No mesmo torneio, Balotelli foi ainda alvo de ataques de grupos de extrema direita. Em sua visita ao campo de Auschwitz, ele indicou que um de seus pais tinha origens judaicas. Africano e filho adotivo de judeus. Uma combinação perfeita para grupos xenófobos. Em outros jogos em sua carreira, foi recebido em campo com bananas.

Mas vamos ser francos: o futebol não é racista. Um estádio é apenas um caixa de ressonância de um sentimento latente. Sozinho, um europeu dificilmente jogaria uma banana a um africano. Mas, nas arquibancadas, o individualismo da lugar a uma atitude de grupo.

Os problemas dos estrangeiros na Europa não estão em campo. Eles são muito mais profundos. Na Itália, a cidadania não é dada a um garoto que tenha nascido no país se ambos os pais forem estrangeiros. De fato, Mario só se tornou “italiano” aos 18 anos, quando a lei permite que um estrangeiro adotado ganhe nacionalidade. Em 2008, nos Jogos Olímpicos, ele não pode jogar. Afinal, era ainda cidadão de Gana. O curioso é que Balotelli não é nem mesmo um jogador pescado na África. Aprendeu a jogar futebol na Itália.

Na Itália, cidades passaram leis que limitam o número de restaurantes étnicos competindo com a tradicional cozinha italiana. Nunca entendi, porém, se um restaurante de comida francesa ou um local especializado em paella valenciana entram nesse critério.

Na Itália, há poucos anos, um certo prefeito usou a noite de Natal para fazer uma ofensiva contra os imigrantes irregulares. Chamou a operação de “Natal Branco”. Quanto humanismo…

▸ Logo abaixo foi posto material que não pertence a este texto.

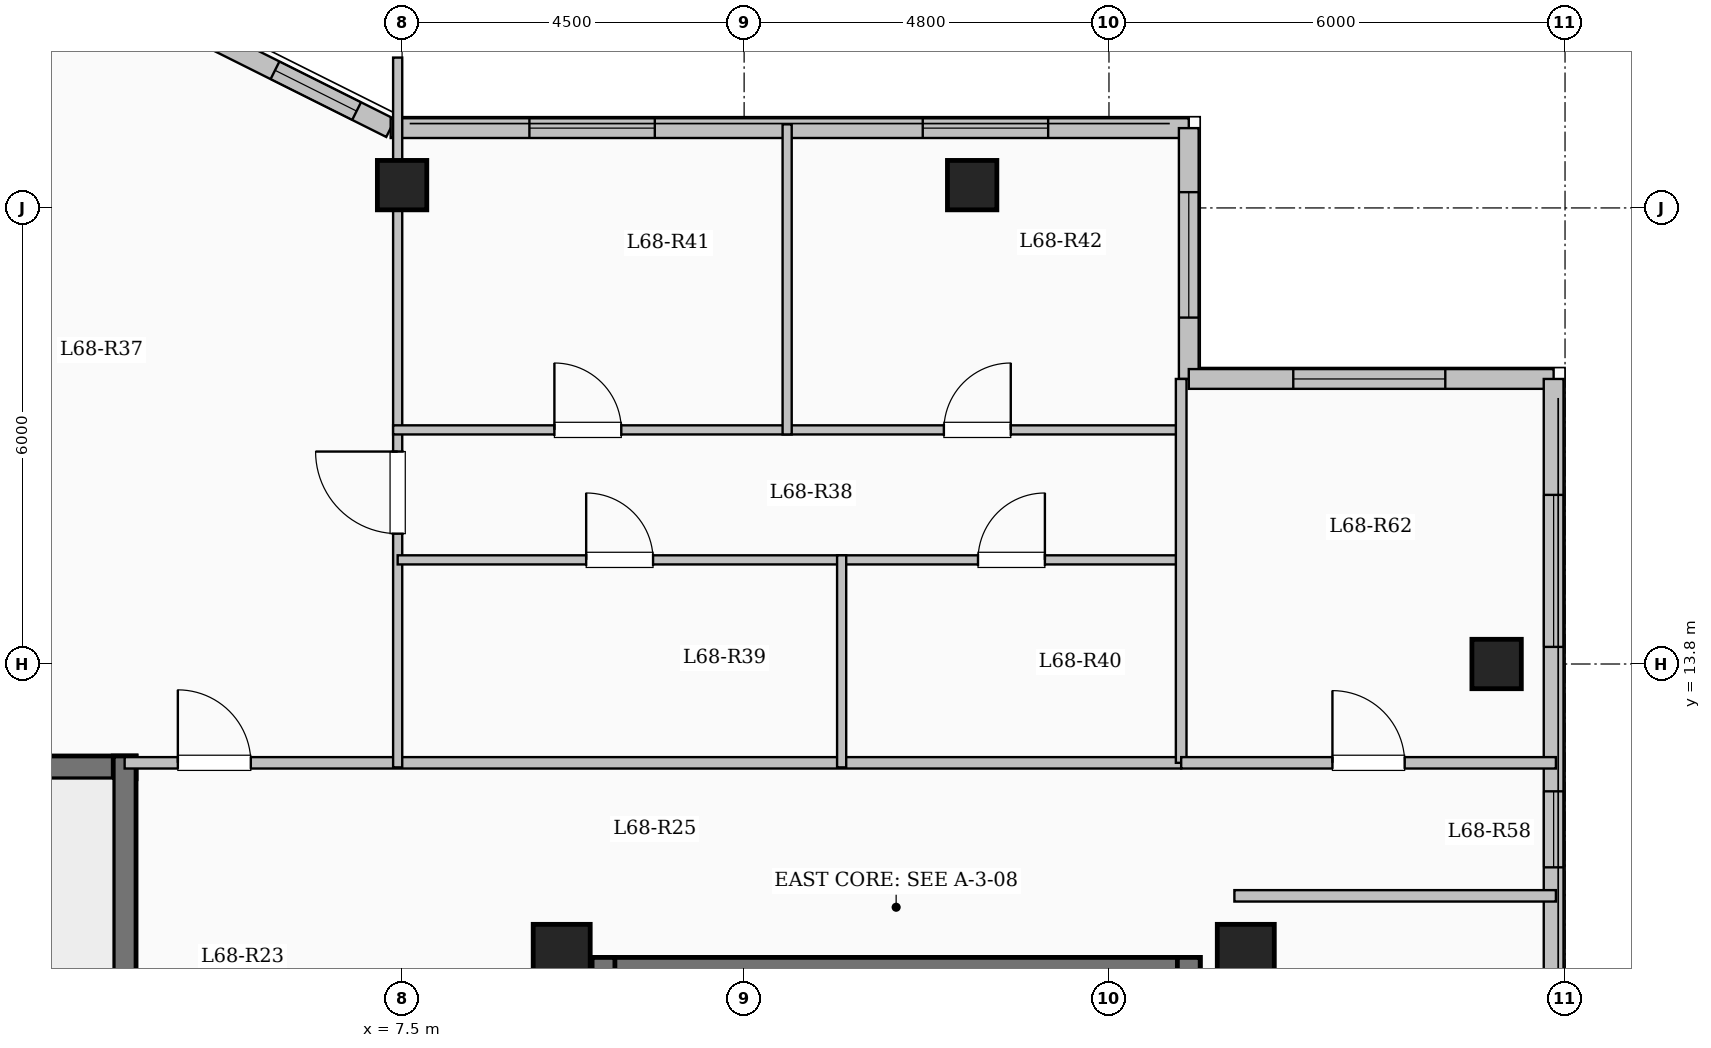
"""IFC4 building model, lengths in metres.
Left out: names, types, materials, properties, quantities, classifications, styles, units other than length and angle.
Written with IfcOpenShell. Run it as: python <this file> out.ifc"""

import sys

from ifc_helpers import new_model, si_unit, direction, frame, frame_2d, origin, origin_2d, place, context, subcontext, project, spatial, rectangle, extrude, element, fill, save


model = new_model("IFC4")
c1 = context("Model", 3, precision=1e-05, world=origin(), true_north=direction((0.0, 1.0)))
c2 = subcontext(c1, "Body", "Model", "MODEL_VIEW")
j1 = project(units=[si_unit("LENGTHUNIT", "METRE"), si_unit("PLANEANGLEUNIT", "RADIAN")], contexts=[c1])
p1 = place(None, origin())
s1 = spatial("IfcSite", under=j1, at=p1, CompositionType="ELEMENT")
p2 = place(p1, origin())
s2 = spatial("IfcBuilding", under=s1, at=p2, CompositionType="ELEMENT")
p3 = place(p2, frame((0.0, 0.0, 251.55)))
s3 = spatial("IfcBuildingStorey", under=s2, at=p3, CompositionType="ELEMENT", Elevation=251.55)
for number, where, z_axis, x_axis in (
    (1, (9.6, 10.0, 0.0), (0.0, 0.0, 1.0), (1.0, 0.0, 0.0)),
    (2, (18.6, 10.0, 0.0), (0.0, 0.0, 1.0), (1.0, 0.0, 0.0)),
):
    element("IfcColumn", number, at=place(p3, frame(where, z_axis=z_axis, x_axis=x_axis)), inside=s3, PredefinedType="COLUMN", context=c2, shape_type="SweptSolid", body=[
        extrude(rectangle(XDim=0.75, YDim=0.75, at=origin_2d()), origin(), (0.0, 0.0, 1.0), 3.35),
    ])
for number, where, z_axis, x_axis in (
    (3, (7.5, 20.1, 0.0), (0.0, 0.0, 1.0), (1.0, 0.0, 0.0)),
    (4, (15.0, 20.1, 0.0), (0.0, 0.0, 1.0), (1.0, 0.0, 0.0)),
    (5, (21.9, 13.8, 0.0), (0.0, 0.0, 1.0), (1.0, 0.0, 0.0)),
):
    element("IfcColumn", number, at=place(p3, frame(where, z_axis=z_axis, x_axis=x_axis)), inside=s3, PredefinedType="COLUMN", context=c2, shape_type="SweptSolid", body=[
        extrude(rectangle(XDim=0.65, YDim=0.65, at=origin_2d()), origin(), (0.0, 0.0, 1.0), 3.35),
    ])
p4 = place(p3, frame((4.35, 22.35, 0.0), z_axis=(0.0, 0.0, 1.0), x_axis=(0.894427191, -0.4472135955, 0.0)))
e6 = element("IfcWall", 6, at=p4, inside=s3, PredefinedType="SOLIDWALL", context=c2, shape_type="SweptSolid", body=[
    extrude(rectangle(XDim=3.354, YDim=0.26, at=frame_2d((1.677, 0.0))), origin(), (0.0, 0.0, 1.0), 3.1),
])
p5 = place(p4, frame((1.653, 0.0, 0.95)))
e7 = element("IfcOpeningElement", 7, at=p5, cuts=e6, PredefinedType="OPENING", context=c2, shape_type="SweptSolid", body=[
    extrude(rectangle(XDim=1.2, YDim=1.5, at=frame_2d((0.6, 0.75))), frame((0.0, 0.14, 0.0), z_axis=(0.0, -1.0, 0.0), x_axis=(1.0, 0.0, 0.0)), (0.0, 0.0, 1.0), 0.28),
])
p6 = place(p3, frame((7.35, 20.85, 0.0), z_axis=(0.0, 0.0, 1.0), x_axis=(1.0, 0.0, 0.0)))
e8 = element("IfcWall", 8, at=p6, inside=s3, PredefinedType="SOLIDWALL", context=c2, shape_type="SweptSolid", body=[
    extrude(rectangle(XDim=10.5, YDim=0.26, at=frame_2d((5.25, 0.0))), origin(), (0.0, 0.0, 1.0), 3.1),
])
p7 = place(p6, frame((1.825, 0.0, 0.9)))
e9 = element("IfcOpeningElement", 9, at=p7, cuts=e8, PredefinedType="OPENING", context=c2, shape_type="SweptSolid", body=[
    extrude(rectangle(XDim=1.65, YDim=1.6, at=frame_2d((0.825, 0.8))), frame((0.0, 0.14, 0.0), z_axis=(0.0, -1.0, 0.0), x_axis=(1.0, 0.0, 0.0)), (0.0, 0.0, 1.0), 0.28),
])
p8 = place(p6, frame((7.0, 0.0, 0.9)))
e10 = element("IfcOpeningElement", 10, at=p8, cuts=e8, PredefinedType="OPENING", context=c2, shape_type="SweptSolid", body=[
    extrude(rectangle(XDim=1.65, YDim=1.6, at=frame_2d((0.825, 0.8))), frame((0.0, 0.14, 0.0), z_axis=(0.0, -1.0, 0.0), x_axis=(1.0, 0.0, 0.0)), (0.0, 0.0, 1.0), 0.28),
])
p9 = place(p3, frame((17.85, 20.85, 0.0), z_axis=(0.0, 0.0, 1.0), x_axis=(0.0, -1.0, 0.0)))
e11 = element("IfcWall", 11, at=p9, inside=s3, PredefinedType="SOLIDWALL", context=c2, shape_type="SweptSolid", body=[
    extrude(rectangle(XDim=3.3, YDim=0.26, at=frame_2d((1.65, 0.0))), origin(), (0.0, 0.0, 1.0), 3.1),
])
p10 = place(p9, frame((0.843, 0.0, 0.9)))
e12 = element("IfcOpeningElement", 12, at=p10, cuts=e11, PredefinedType="OPENING", context=c2, shape_type="SweptSolid", body=[
    extrude(rectangle(XDim=1.65, YDim=1.6, at=frame_2d((0.825, 0.8))), frame((0.0, 0.14, 0.0), z_axis=(0.0, -1.0, 0.0), x_axis=(1.0, 0.0, 0.0)), (0.0, 0.0, 1.0), 0.28),
])
p11 = place(p3, frame((17.85, 17.55, 0.0), z_axis=(0.0, 0.0, 1.0), x_axis=(1.0, 0.0, 0.0)))
e13 = element("IfcWall", 13, at=p11, inside=s3, PredefinedType="SOLIDWALL", context=c2, shape_type="SweptSolid", body=[
    extrude(rectangle(XDim=4.8, YDim=0.26, at=frame_2d((2.4, 0.0))), origin(), (0.0, 0.0, 1.0), 3.1),
])
p12 = place(p11, frame((1.375, 0.0, 0.9)))
e14 = element("IfcOpeningElement", 14, at=p12, cuts=e13, PredefinedType="OPENING", context=c2, shape_type="SweptSolid", body=[
    extrude(rectangle(XDim=2.0, YDim=1.7, at=frame_2d((1.0, 0.85))), frame((0.0, 0.14, 0.0), z_axis=(0.0, -1.0, 0.0), x_axis=(1.0, 0.0, 0.0)), (0.0, 0.0, 1.0), 0.28),
])
p13 = place(p3, frame((22.65, 17.55, 0.0), z_axis=(0.0, 0.0, 1.0), x_axis=(0.0, -1.0, 0.0)))
e15 = element("IfcWall", 15, at=p13, inside=s3, PredefinedType="SOLIDWALL", context=c2, shape_type="SweptSolid", body=[
    extrude(rectangle(XDim=35.1, YDim=0.26, at=frame_2d((17.55, 0.0))), origin(), (0.0, 0.0, 1.0), 3.1),
])
p14 = place(p13, frame((1.525, 0.0, 0.9)))
e16 = element("IfcOpeningElement", 16, at=p14, cuts=e15, PredefinedType="OPENING", context=c2, shape_type="SweptSolid", body=[
    extrude(rectangle(XDim=2.0, YDim=1.7, at=frame_2d((1.0, 0.85))), frame((0.0, 0.14, 0.0), z_axis=(0.0, -1.0, 0.0), x_axis=(1.0, 0.0, 0.0)), (0.0, 0.0, 1.0), 0.28),
])
p15 = place(p13, frame((5.425, 0.0, 0.95)))
e17 = element("IfcOpeningElement", 17, at=p15, cuts=e15, PredefinedType="OPENING", context=c2, shape_type="SweptSolid", body=[
    extrude(rectangle(XDim=1.0, YDim=1.5, at=frame_2d((0.5, 0.75))), frame((0.0, 0.14, 0.0), z_axis=(0.0, -1.0, 0.0), x_axis=(1.0, 0.0, 0.0)), (0.0, 0.0, 1.0), 0.28),
])
p16 = place(p13, frame((14.8, 0.0, 0.9)))
e18 = element("IfcOpeningElement", 18, at=p16, cuts=e15, PredefinedType="OPENING", context=c2, shape_type="SweptSolid", body=[
    extrude(rectangle(XDim=2.0, YDim=1.7, at=frame_2d((1.0, 0.85))), frame((0.0, 0.14, 0.0), z_axis=(0.0, -1.0, 0.0), x_axis=(1.0, 0.0, 0.0)), (0.0, 0.0, 1.0), 0.28),
])
p17 = place(p13, frame((25.275, 0.0, 0.95)))
e19 = element("IfcOpeningElement", 19, at=p17, cuts=e15, PredefinedType="OPENING", context=c2, shape_type="SweptSolid", body=[
    extrude(rectangle(XDim=1.2, YDim=1.5, at=frame_2d((0.6, 0.75))), frame((0.0, 0.14, 0.0), z_axis=(0.0, -1.0, 0.0), x_axis=(1.0, 0.0, 0.0)), (0.0, 0.0, 1.0), 0.28),
])
p18 = place(p13, frame((29.925, 0.0, 0.9)))
e20 = element("IfcOpeningElement", 20, at=p18, cuts=e15, PredefinedType="OPENING", context=c2, shape_type="SweptSolid", body=[
    extrude(rectangle(XDim=2.2, YDim=1.75, at=frame_2d((1.1, 0.875))), frame((0.0, 0.14, 0.0), z_axis=(0.0, -1.0, 0.0), x_axis=(1.0, 0.0, 0.0)), (0.0, 0.0, 1.0), 0.28),
])
p19 = place(p3, frame((10.0, 9.79, 0.0), z_axis=(0.0, 0.0, 1.0), x_axis=(1.0, 0.0, 0.0)))
e21 = element("IfcWall", 21, at=p19, inside=s3, PredefinedType="SHEAR", context=c2, shape_type="SweptSolid", body=[
    extrude(rectangle(XDim=8.0, YDim=0.3, at=frame_2d((4.0, 0.0))), origin(), (0.0, 0.0, 1.0), 3.35),
])
for number, where, z_axis, x_axis in (
    (22, (10.15, 6.35, 0.0), (0.0, 0.0, 1.0), (0.0, 1.0, 0.0)),
    (23, (17.85, 6.35, 0.0), (0.0, 0.0, 1.0), (0.0, 1.0, 0.0)),
):
    element("IfcWall", number, at=place(p3, frame(where, z_axis=z_axis, x_axis=x_axis)), inside=s3, PredefinedType="SHEAR", context=c2, shape_type="SweptSolid", body=[
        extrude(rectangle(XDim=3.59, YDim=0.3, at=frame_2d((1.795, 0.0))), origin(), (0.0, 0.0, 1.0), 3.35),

Enquanto esses imigrantes estão escondidos nas cozinhas dos restaurantes sofisticados de Milão, lavando pratos, ou limpando as ruas durante a noite, não são considerados problemáticos. Mas quando chegam do Norte de África, cruzando o Mediterrâneo e botes e fugindo de guerras que a própria Europa promoveu, como na Líbia, ai então Roma acha que está na hora de recolocar seus postos de fronteiras. Não por acaso, a própria comunidade africana na Itália comemora cada gol de Balotelli. Sabem que cada um deles é um golpe contra o racismo.

Mas vencer esse problema é ainda um sonho distante. Mesmo transformado em heroi, o jovem atacante foi alvo de uma caricatura nesta semana no jornal La Gazzetta dello Sport que da uma dimensão do tamanho do racismo na Itália. Mario foi apresentado como tendo conquistado a torre do Big Ben, em Londres, depois de eliminar a Inglaterra nas quartas de finais. Para isso, o jornal publicou uma caricatura do jogador, na posição de King Kong. E isso porque ele é um heroi. Imagine como seria a caricatura de um africano que fosse considerado como problemático….

Ao final da partida da Itália contra a Alemanha, Balotelli foi à arquibancada abraçar sua mãe adotiva e incontestavelmente italiana, ao olhar de sua sociedade. A imagem marcou a semana no país. Por anos, a Uefa e a Fifa tentam sem sucesso lutar contra o racismo no futebol. Colocam no ar campanhas milionárias, punem times e colocam multas a jogadores. Mas jamais conseguirão o que o italiano Mario Balotelli conseguiu esta semana. Ao classificar a Itália, em plena crise de corrupção no futebol, à final da Eurocopa, o jovem de 21 anos escancarou a pergunta que muitos sequer ousam fazer: afinal, o que é ser italiano hoje. Uma pergunta que muitos não gostariam sequer que fosse pensada. Muito menos sua eventual resposta…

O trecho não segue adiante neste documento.